Mitigation is simple. If you have a bias, it’s incredibly easy to efficiently express that in the derivatives space. If you beta-weight your books’ deltas to SPY, you can easily move in/out of SPY options to hedge off risk. This depends on what your trading account size is-- it gets a bit more difficult above 150/200k. But anything under that, you can be as delta neutral as you want.
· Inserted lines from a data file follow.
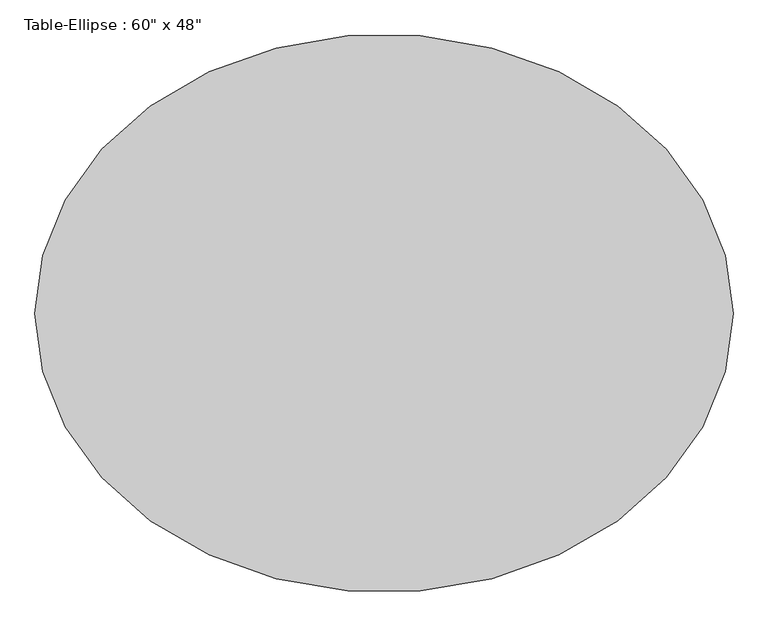
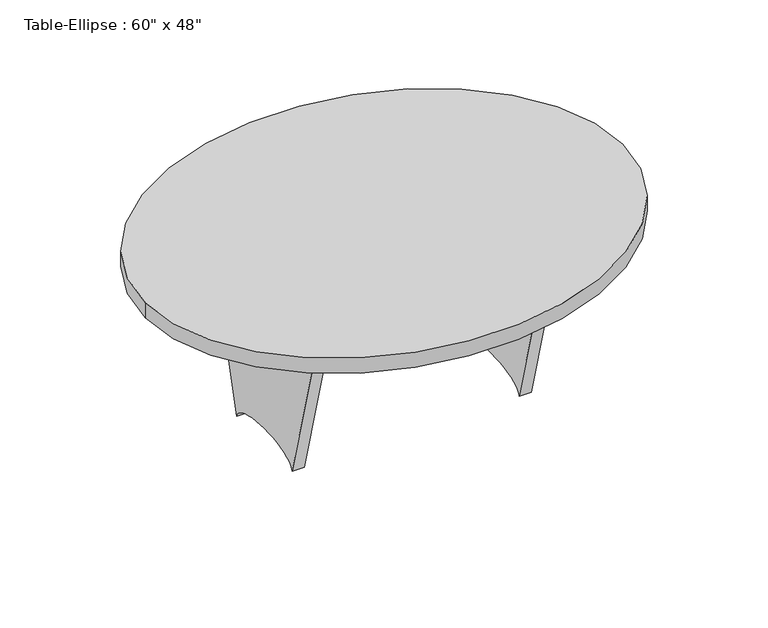
"""IFC4 building model written with IfcOpenShell, lengths in millimetres: furniture geometry."""

from ifc_helpers import new_model, si_unit, point, frame, origin, place, context, project, spatial, ellipse_curve, trimmed, source, transform, mapped, element, save
from ifc_brep_helpers import plane_surface, extruded_surface, advanced_brep


def furniture_cacb7300(model_context):
    return source(origin(), model_context, "Body", "AdvancedBrep", [
        advanced_brep(
        [(-342.9, 19.05, 558.8), (342.9, 19.05, 558.8), (342.9, 19.05, 372.5333333), (-342.9, 19.05, 372.5333333), (-342.9, -19.05, 558.8), (-342.9, -19.05, 372.5333333), (342.9, -19.05, 372.5333333), (342.9, -19.05, 558.8)],
        [
            (0, 1),
            (1, 2),
            (2, 3, ellipse_curve(frame((0.0, 19.05, 372.5333333), z_axis=(0.0, -1.0, 0.0), x_axis=(1.0, 0.0, 0.0)), 342.9, 101.6)),
            (3, 0),
            (4, 5),
            (5, 6, ellipse_curve(frame((0.0, -19.05, 372.5333333), z_axis=(0.0, 1.0, 0.0), x_axis=(1.0, 0.0, 0.0)), 342.9, 101.6)),
            (6, 7),
            (7, 4),
            (0, 4),
            (7, 1),
            (6, 2),
            (5, 3),
        ],
        [
            plane_surface(frame((-342.9, 19.05, 558.8), z_axis=(0.0, 1.0, 0.0), x_axis=(1.0, 0.0, 0.0))),
            plane_surface(frame((-342.9, -19.05, 558.8), z_axis=(0.0, -1.0, 0.0), x_axis=(-1.0, 0.0, 0.0))),
            plane_surface(frame((-342.9, 19.05, 558.8), z_axis=(0.0, 0.0, 1.0), x_axis=(0.0, -1.0, 0.0))),
            plane_surface(frame((342.9, 19.05, 558.8), z_axis=(1.0, 0.0, 0.0), x_axis=(0.0, -1.0, 0.0))),
            extruded_surface(trimmed(ellipse_curve(frame((0.0, -57.15, 372.5333333), z_axis=(0.0, -1.0, 0.0), x_axis=(1.0, 0.0, 0.0)), 342.9, 101.6), [point((342.9, -57.15, 372.5333333))], [point((-342.9, -57.15, 372.5333333))], True, "CARTESIAN"), (0.0, 38.099999999999994, 0.0), 38.099999999999994),
            plane_surface(frame((-342.9, 19.05, 372.5333333), z_axis=(-1.0, 0.0, 0.0), x_axis=(0.0, -1.0, 0.0))),
        ],
        [
            (0, [[1, 2, 3, 4]]),
            (1, [[5, 6, 7, 8]]),
            (2, [[-1, 9, -8, 10]]),
            (3, [[-2, -10, -7, 11]]),
            (4, [[-3, -11, -6, 12]]),
            (5, [[-4, -12, -5, -9]]),
        ],
    ),
        advanced_brep(
        [(381.0, 304.8, 558.8), (381.0, -304.8, 558.8), (381.0, -152.4, 0.0), (381.0, 152.4, 0.0), (342.9, 304.8, 558.8), (342.9, 152.4, 0.0), (342.9, -152.4, 0.0), (342.9, -304.8, 558.8)],
        [
            (0, 1),
            (1, 2),
            (2, 3, ellipse_curve(frame((381.0, 0.0, 0.0), z_axis=(-1.0, 0.0, 0.0), x_axis=(0.0, 1.0, 0.0)), 152.4, 50.8)),
            (3, 0),
            (4, 5),
            (5, 6, ellipse_curve(frame((342.9, 0.0, 0.0), z_axis=(1.0, 0.0, 0.0), x_axis=(0.0, 1.0, 0.0)), 152.4, 50.8)),
            (6, 7),
            (7, 4),
            (0, 4),
            (7, 1),
            (6, 2),
            (5, 3),
        ],
        [
            plane_surface(frame((381.0, -304.8, 558.8), z_axis=(1.0, 0.0, 0.0), x_axis=(0.0, -1.0, 0.0))),
            plane_surface(frame((342.9, -304.8, 558.8), z_axis=(-1.0, 0.0, 0.0), x_axis=(0.0, 1.0, 0.0))),
            plane_surface(frame((381.0, 304.8, 558.8), z_axis=(0.0, 0.0, 1.0), x_axis=(-1.0, 0.0, 0.0))),
            plane_surface(frame((381.0, -304.8, 558.8), z_axis=(0.0, -0.9647638212377304, -0.2631174057921153), x_axis=(-1.0, 0.0, 0.0))),
            extruded_surface(trimmed(ellipse_curve(frame((304.8, 0.0, 0.0), z_axis=(-1.0, 0.0, 0.0), x_axis=(0.0, 1.0, 0.0)), 152.4, 50.8), [point((304.8, -152.4, 0.0))], [point((304.8, 152.4, 0.0))], True, "CARTESIAN"), (38.099999999999966, 0.0, 0.0), 38.099999999999966),
            plane_surface(frame((381.0, 152.4, 0.0), z_axis=(0.0, 0.9647638212377352, -0.2631174057920975), x_axis=(-1.0, 0.0, 0.0))),
        ],
        [
            (0, [[1, 2, 3, 4]]),
            (1, [[5, 6, 7, 8]]),
            (2, [[-1, 9, -8, 10]]),
            (3, [[-2, -10, -7, 11]]),
            (4, [[-3, -11, -6, 12]]),
            (5, [[-4, -12, -5, -9]]),
        ],
    ),
        advanced_brep(
        [(-342.9, 304.8, 558.8), (-342.9, -304.8, 558.8), (-342.9, -152.4, 0.0), (-342.9, 152.4, 0.0), (-381.0, 304.8, 558.8), (-381.0, 152.4, 0.0), (-381.0, -152.4, 0.0), (-381.0, -304.8, 558.8)],
        [
            (0, 1),
            (1, 2),
            (2, 3, ellipse_curve(frame((-342.9, 0.0, 0.0), z_axis=(-1.0, 0.0, 0.0), x_axis=(0.0, 1.0, 0.0)), 152.4, 50.8)),
            (3, 0),
            (4, 5),
            (5, 6, ellipse_curve(frame((-381.0, 0.0, 0.0), z_axis=(1.0, 0.0, 0.0), x_axis=(0.0, 1.0, 0.0)), 152.4, 50.8)),
            (6, 7),
            (7, 4),
            (0, 4),
            (7, 1),
            (6, 2),
            (5, 3),
        ],
        [
            plane_surface(frame((-342.9, -304.8, 558.8), z_axis=(1.0, 0.0, 0.0), x_axis=(0.0, -1.0, 0.0))),
            plane_surface(frame((-381.0, -304.8, 558.8), z_axis=(-1.0, 0.0, 0.0), x_axis=(0.0, 1.0, 0.0))),
            plane_surface(frame((-342.9, 304.8, 558.8), z_axis=(0.0, 0.0, 1.0), x_axis=(-1.0, 0.0, 0.0))),
            plane_surface(frame((-342.9, -304.8, 558.8), z_axis=(0.0, -0.9647638212377301, -0.26311740579211657), x_axis=(-1.0, 0.0, 0.0))),
            extruded_surface(trimmed(ellipse_curve(frame((-419.1, 0.0, 0.0), z_axis=(-1.0, 0.0, 0.0), x_axis=(0.0, 1.0, 0.0)), 152.4, 50.8), [point((-419.1, -152.4, 0.0))], [point((-419.1, 152.4, 0.0))], True, "CARTESIAN"), (38.10000000000002, 0.0, 0.0), 38.10000000000002),
            plane_surface(frame((-342.9, 152.4, 0.0), z_axis=(0.0, 0.9647638212377332, -0.2631174057921053), x_axis=(-1.0, 0.0, 0.0))),
        ],
        [
            (0, [[1, 2, 3, 4]]),
            (1, [[5, 6, 7, 8]]),
            (2, [[-1, 9, -8, 10]]),
            (3, [[-2, -10, -7, 11]]),
            (4, [[-3, -11, -6, 12]]),
            (5, [[-4, -12, -5, -9]]),
        ],
    ),
        advanced_brep(
        [(-762.0, 0.0, 609.6), (762.0, 0.0, 609.6), (-762.0, 0.0, 558.8), (762.0, 0.0, 558.8)],
        [
            (0, 1, ellipse_curve(frame((0.0, 0.0, 609.6), z_axis=(0.0, 0.0, 1.0), x_axis=(1.0, 0.0, 0.0)), 762.0, 609.6)),
            (1, 0, ellipse_curve(frame((0.0, 0.0, 609.6), z_axis=(0.0, 0.0, 1.0), x_axis=(1.0, 0.0, 0.0)), 762.0, 609.6)),
            (2, 3, ellipse_curve(frame((0.0, 0.0, 558.8), z_axis=(0.0, 0.0, -1.0), x_axis=(1.0, 0.0, 0.0)), 762.0, 609.6)),
            (3, 2, ellipse_curve(frame((0.0, 0.0, 558.8), z_axis=(0.0, 0.0, -1.0), x_axis=(1.0, 0.0, 0.0)), 762.0, 609.6)),
            (0, 2),
            (3, 1),
        ],
        [
            plane_surface(frame((762.0, 0.0, 609.6), z_axis=(0.0, 0.0, 1.0), x_axis=(0.0, 1.0, 0.0))),
            plane_surface(frame((762.0, 0.0, 558.8), z_axis=(0.0, 0.0, -1.0), x_axis=(0.0, -1.0, 0.0))),
            extruded_surface(trimmed(ellipse_curve(frame((0.0, 0.0, 508.0), z_axis=(0.0, 0.0, 1.0), x_axis=(1.0, 0.0, 0.0)), 762.0, 609.6), [point((-762.0, 0.0, 508.0))], [point((762.0, 0.0, 508.0))], True, "CARTESIAN"), (0.0, 0.0, 50.799999999999955), 50.799999999999955),
            extruded_surface(trimmed(ellipse_curve(frame((0.0, 0.0, 508.0), z_axis=(0.0, 0.0, 1.0), x_axis=(1.0, 0.0, 0.0)), 762.0, 609.6), [point((762.0, 0.0, 508.0))], [point((-762.0, 0.0, 508.0))], True, "CARTESIAN"), (0.0, 0.0, 50.799999999999955), 50.799999999999955),
        ],
        [
            (0, [[1, 2]]),
            (1, [[3, 4]]),
            (2, [[-1, 5, -4, 6]]),
            (3, [[-2, -6, -3, -5]]),
        ],
    ),
    ])


if __name__ == "__main__":
    model = new_model("IFC4")
    model_context = context("Model", 3, world=origin())
    ifc_project = project(units=[si_unit("LENGTHUNIT", "METRE", prefix="MILLI")], contexts=[model_context])
    site = spatial("IfcSite", under=ifc_project)
    building = spatial("IfcBuilding", under=site)
    placement = place(None, origin())
    furniture_shape = furniture_cacb7300(model_context)
    element("IfcFurniture", 1, ObjectType="Table-Ellipse : 60\" x 48\"", at=placement, inside=building, context=model_context, shape_type="MappedRepresentation", body=[
        mapped(furniture_shape, transform((0.0, 0.0, 0.0), x_axis=(1.0, 0.0, 0.0), y_axis=(0.0, 1.0, 0.0), z_axis=(0.0, 0.0, 1.0))),
    ])
    save(model, "model.ifc")

# Revit data of these elements
# Type "Table-Ellipse : 60\" x 48\""
#   Assembly Code = "E2020200"
#   Half Width = 2' - 0"
#   Half Length = 2' - 6"
#   Height = 2' - 0"
#   Length = 5' - 0"
#   Width = 4' - 0"
#   Base Material = Birch
#   Top Material = Birch
#   Default Elevation = 0
# Element 1 (IfcFurniture, "Table-Ellipse : 60\" x 48\"")
#   Materials on its faces: "Birch"
# Materials
#   "Birch": class "Wood", colour RGB 224 178 126, transparency 0, Description = "Betula Alleghaniensis", Cost = 0

Whether or not that’s a profitable long term strategy you’ll just have to wait and see.

Facts, I’ve blown 4 accounts riding the high of a win streak that came crashing down in one day because I said the hell with proper risk management :man_facepalming:t5:

1 Like

I know right :woozy_face:
Dreaming about and imagining those huge wins can be so enticing

1 Like

Thanks for the heads up. I found a vid introducing options with tastytrade intro search string. I have saved that as a favourite and will return to it at the right juncture in the training plan. Really appreciated. :star_struck:

Good luck. You seem like a smart guy and when you see how they trade you’ll never look at trading the same way. Finding Tom was the single most important step for me in taking the leap from novice to a whole different level on it’s own scale. Nothing out there compares. Stick with it, because the initial learning curve is very steep. Once you crest that though, it’s like opening up a 3rd eye to the markets and looking behind the scenes. Eventually, you’ll want to get a demo account on either tastyworks or TDA ToS- to start building your own positions and really cementing in their methods.

After that, you can start with literally $500-$1000 and put on 100% risk-defined trades to wet your beak. After that, the sky is the limit.

Also, supplement all of that with Options Alpha material on youtube.

Jake

Months or years of hard work can quickly come crashing down when you begin to think you are smarter than the markets and get greedy. Happens to most.